The Lakers had 31 shots at the rim. The Cavs had 24. They had 5 and 6 shots inside of 10 feet respectively. 

Bad loss, hopefully they bounce back. I was very impressed with the Cavaliers offense. Nothing like two days before in Sacramento. Mo was absolutely on fire and a nearly 40 year old Shaq outplayed our frontline. LeBron was also very poised and controlled. 

As for the guy saying Kobe should've been kicked out in the 2nd or 3rd quarter. Lol. People didn't come to see Anthony Parker versus Sasha Vujacic on Christmas Day. 

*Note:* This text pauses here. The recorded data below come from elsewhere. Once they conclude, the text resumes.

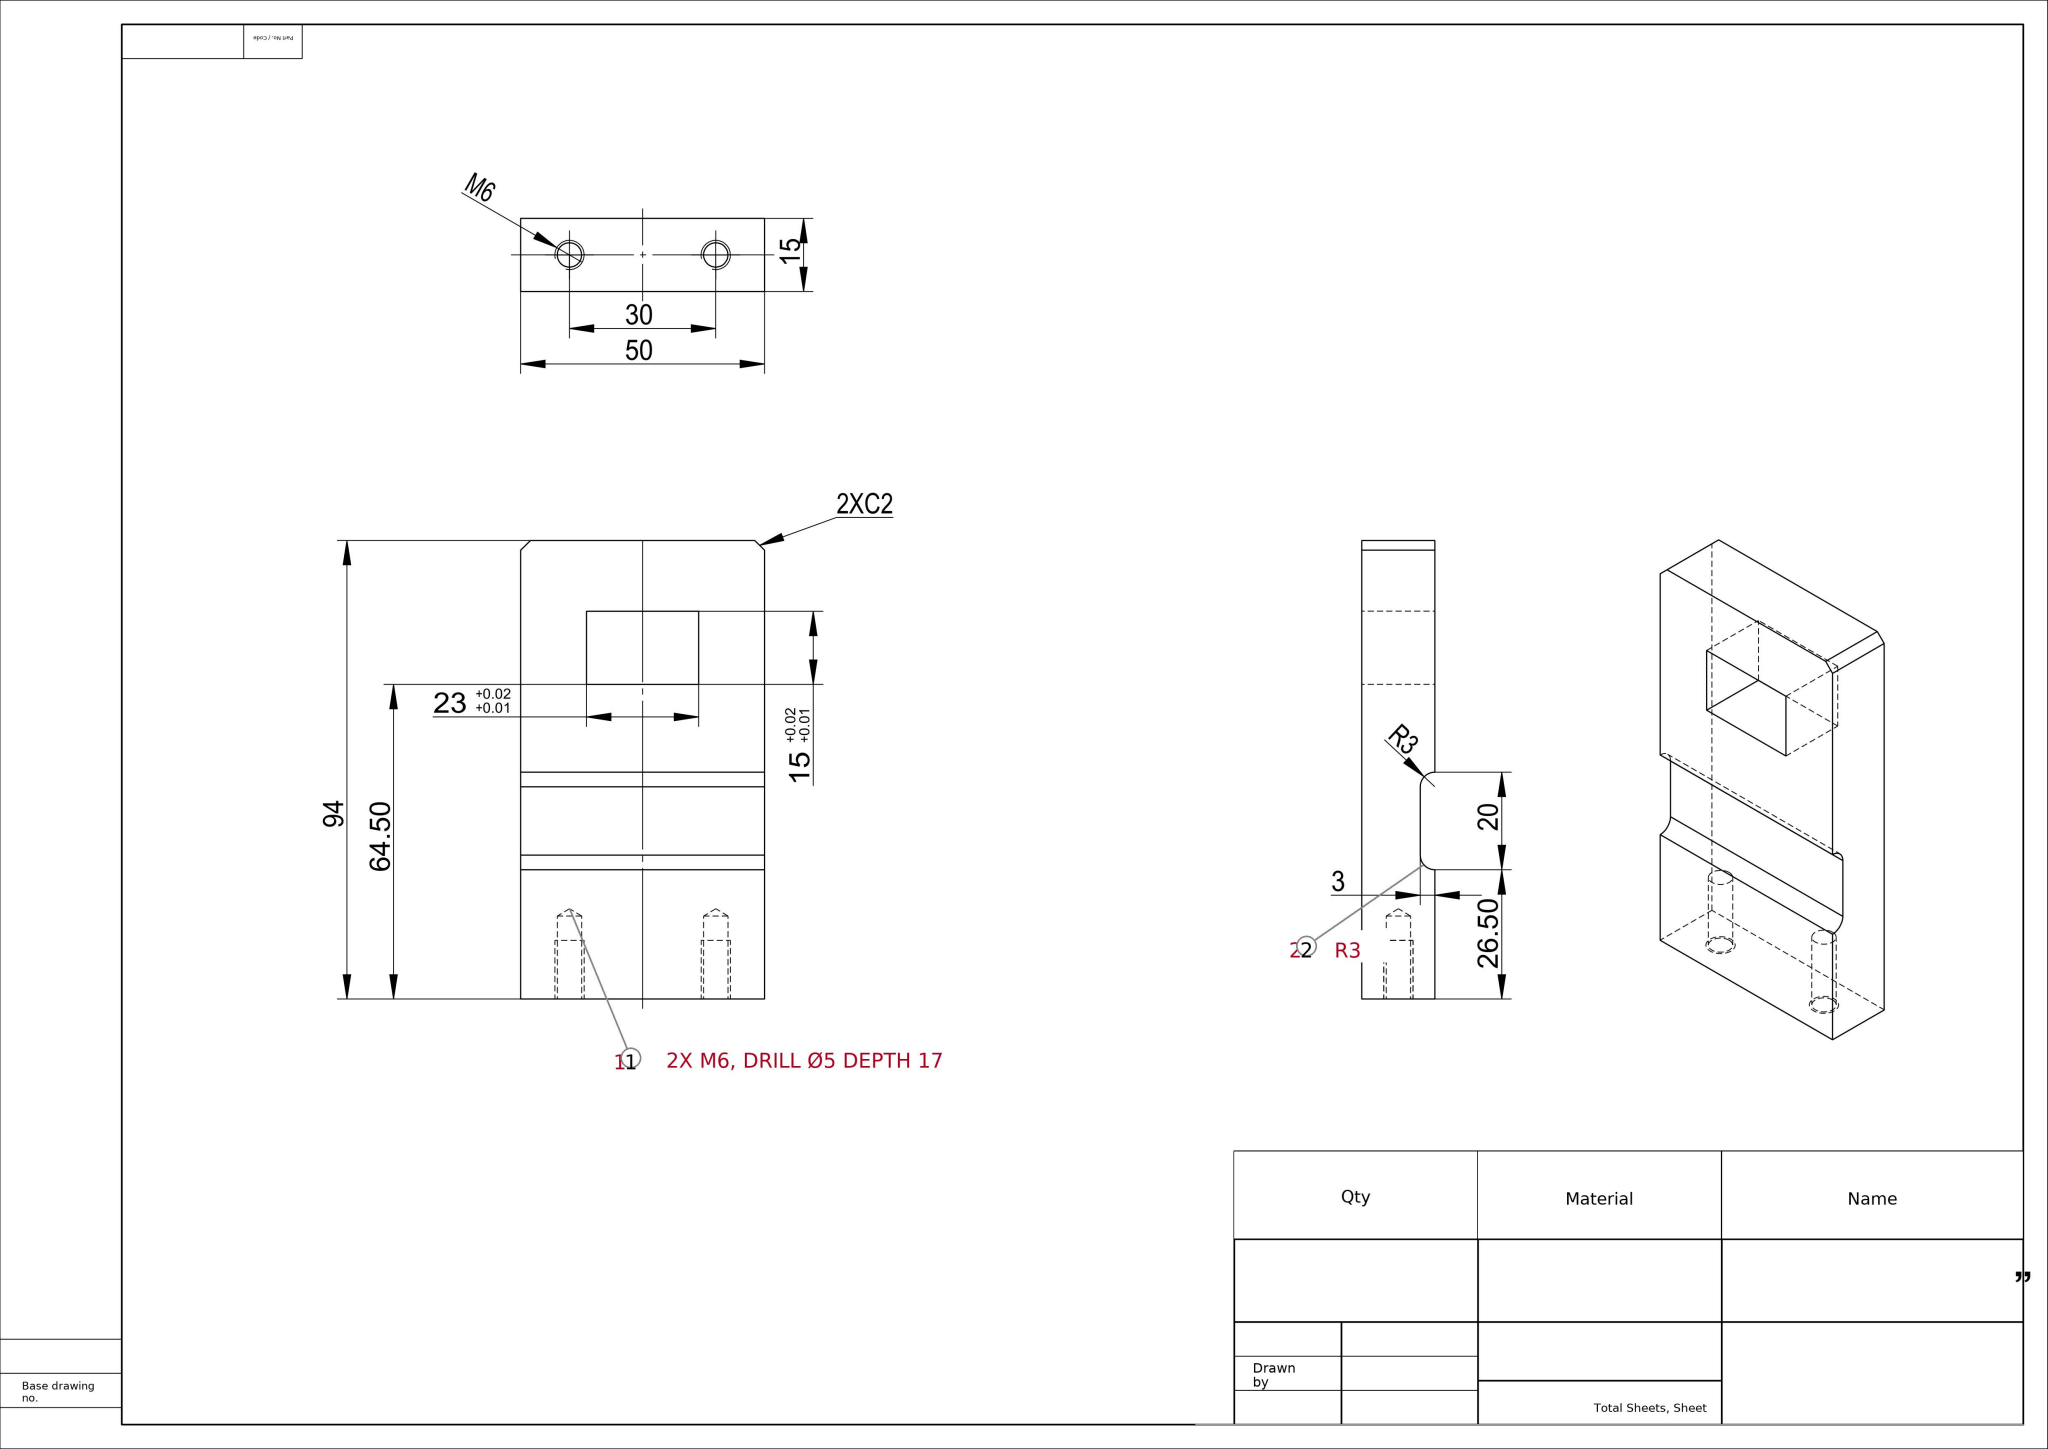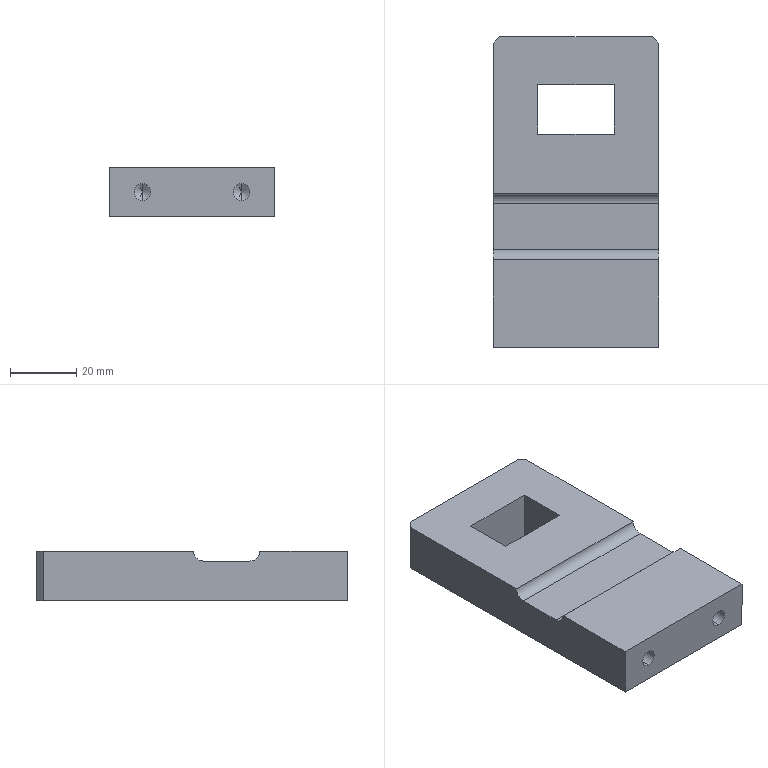Part | SolidWorks | mm | 1 solid | 24 faces | box 50 x 94 x 15 mm | volume 61771 mm3 | plane 14 | cylinder 6 | cone 4 | commonest cylinder face diameters 5 x4 6 x2
STEP:
#1=CARTESIAN_POINT('',(-15.,27.,2.5));
#2=VERTEX_POINT('',#1);
#3=CARTESIAN_POINT('',(-15.,27.,-2.5));
#4=VERTEX_POINT('',#3);
#5=CARTESIAN_POINT('',(-15.,27.,0.));
#6=DIRECTION('',(0.,-1.,0.));
#7=DIRECTION('',(0.,0.,-1.));
#8=AXIS2_PLACEMENT_3D('',#5,#6,#7);
#9=CIRCLE('',#8,2.5);
#10=EDGE_CURVE('',#2,#4,#9,.T.);
#11=ORIENTED_EDGE('',*,*,#10,.F.);
#12=CARTESIAN_POINT('',(-15.,10.,2.5));
#13=VERTEX_POINT('',#12);
#14=CARTESIAN_POINT('',(-15.,10.,2.5));
#15=DIRECTION('',(0.,-1.,0.));
#16=VECTOR('',#15,1000.);
#17=LINE('',#14,#16);
#18=EDGE_CURVE('',#2,#13,#17,.T.);
#19=ORIENTED_EDGE('',*,*,#18,.T.);
#20=CARTESIAN_POINT('',(-15.,10.,-2.5));
#21=VERTEX_POINT('',#20);
#22=CARTESIAN_POINT('',(-15.,10.,0.));
#23=DIRECTION('',(0.,-1.,0.));
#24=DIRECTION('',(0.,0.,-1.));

As for the people inexplicably defending the refs and somehow claiming Kobe got enough calls. I don't know if you're dense on purpose or by nature, there really isn't a kinder way for me to put it. He had 15... I repeat 15 (!!!) shots at the rim (not counting the shots that led to free throws). The officiating was not the reason for the loss, but he should've shot at least 8 more FTs. He hasn't attacked the rim as relentlessly as he did today all season.


----------



## Plastic Man (Nov 8, 2004)

LamarButler said:


> The Lakers should be concerned right now. In the majority of the games they've played against good teams they've been killed - Dallas, Houston, Denver, and Cleveland.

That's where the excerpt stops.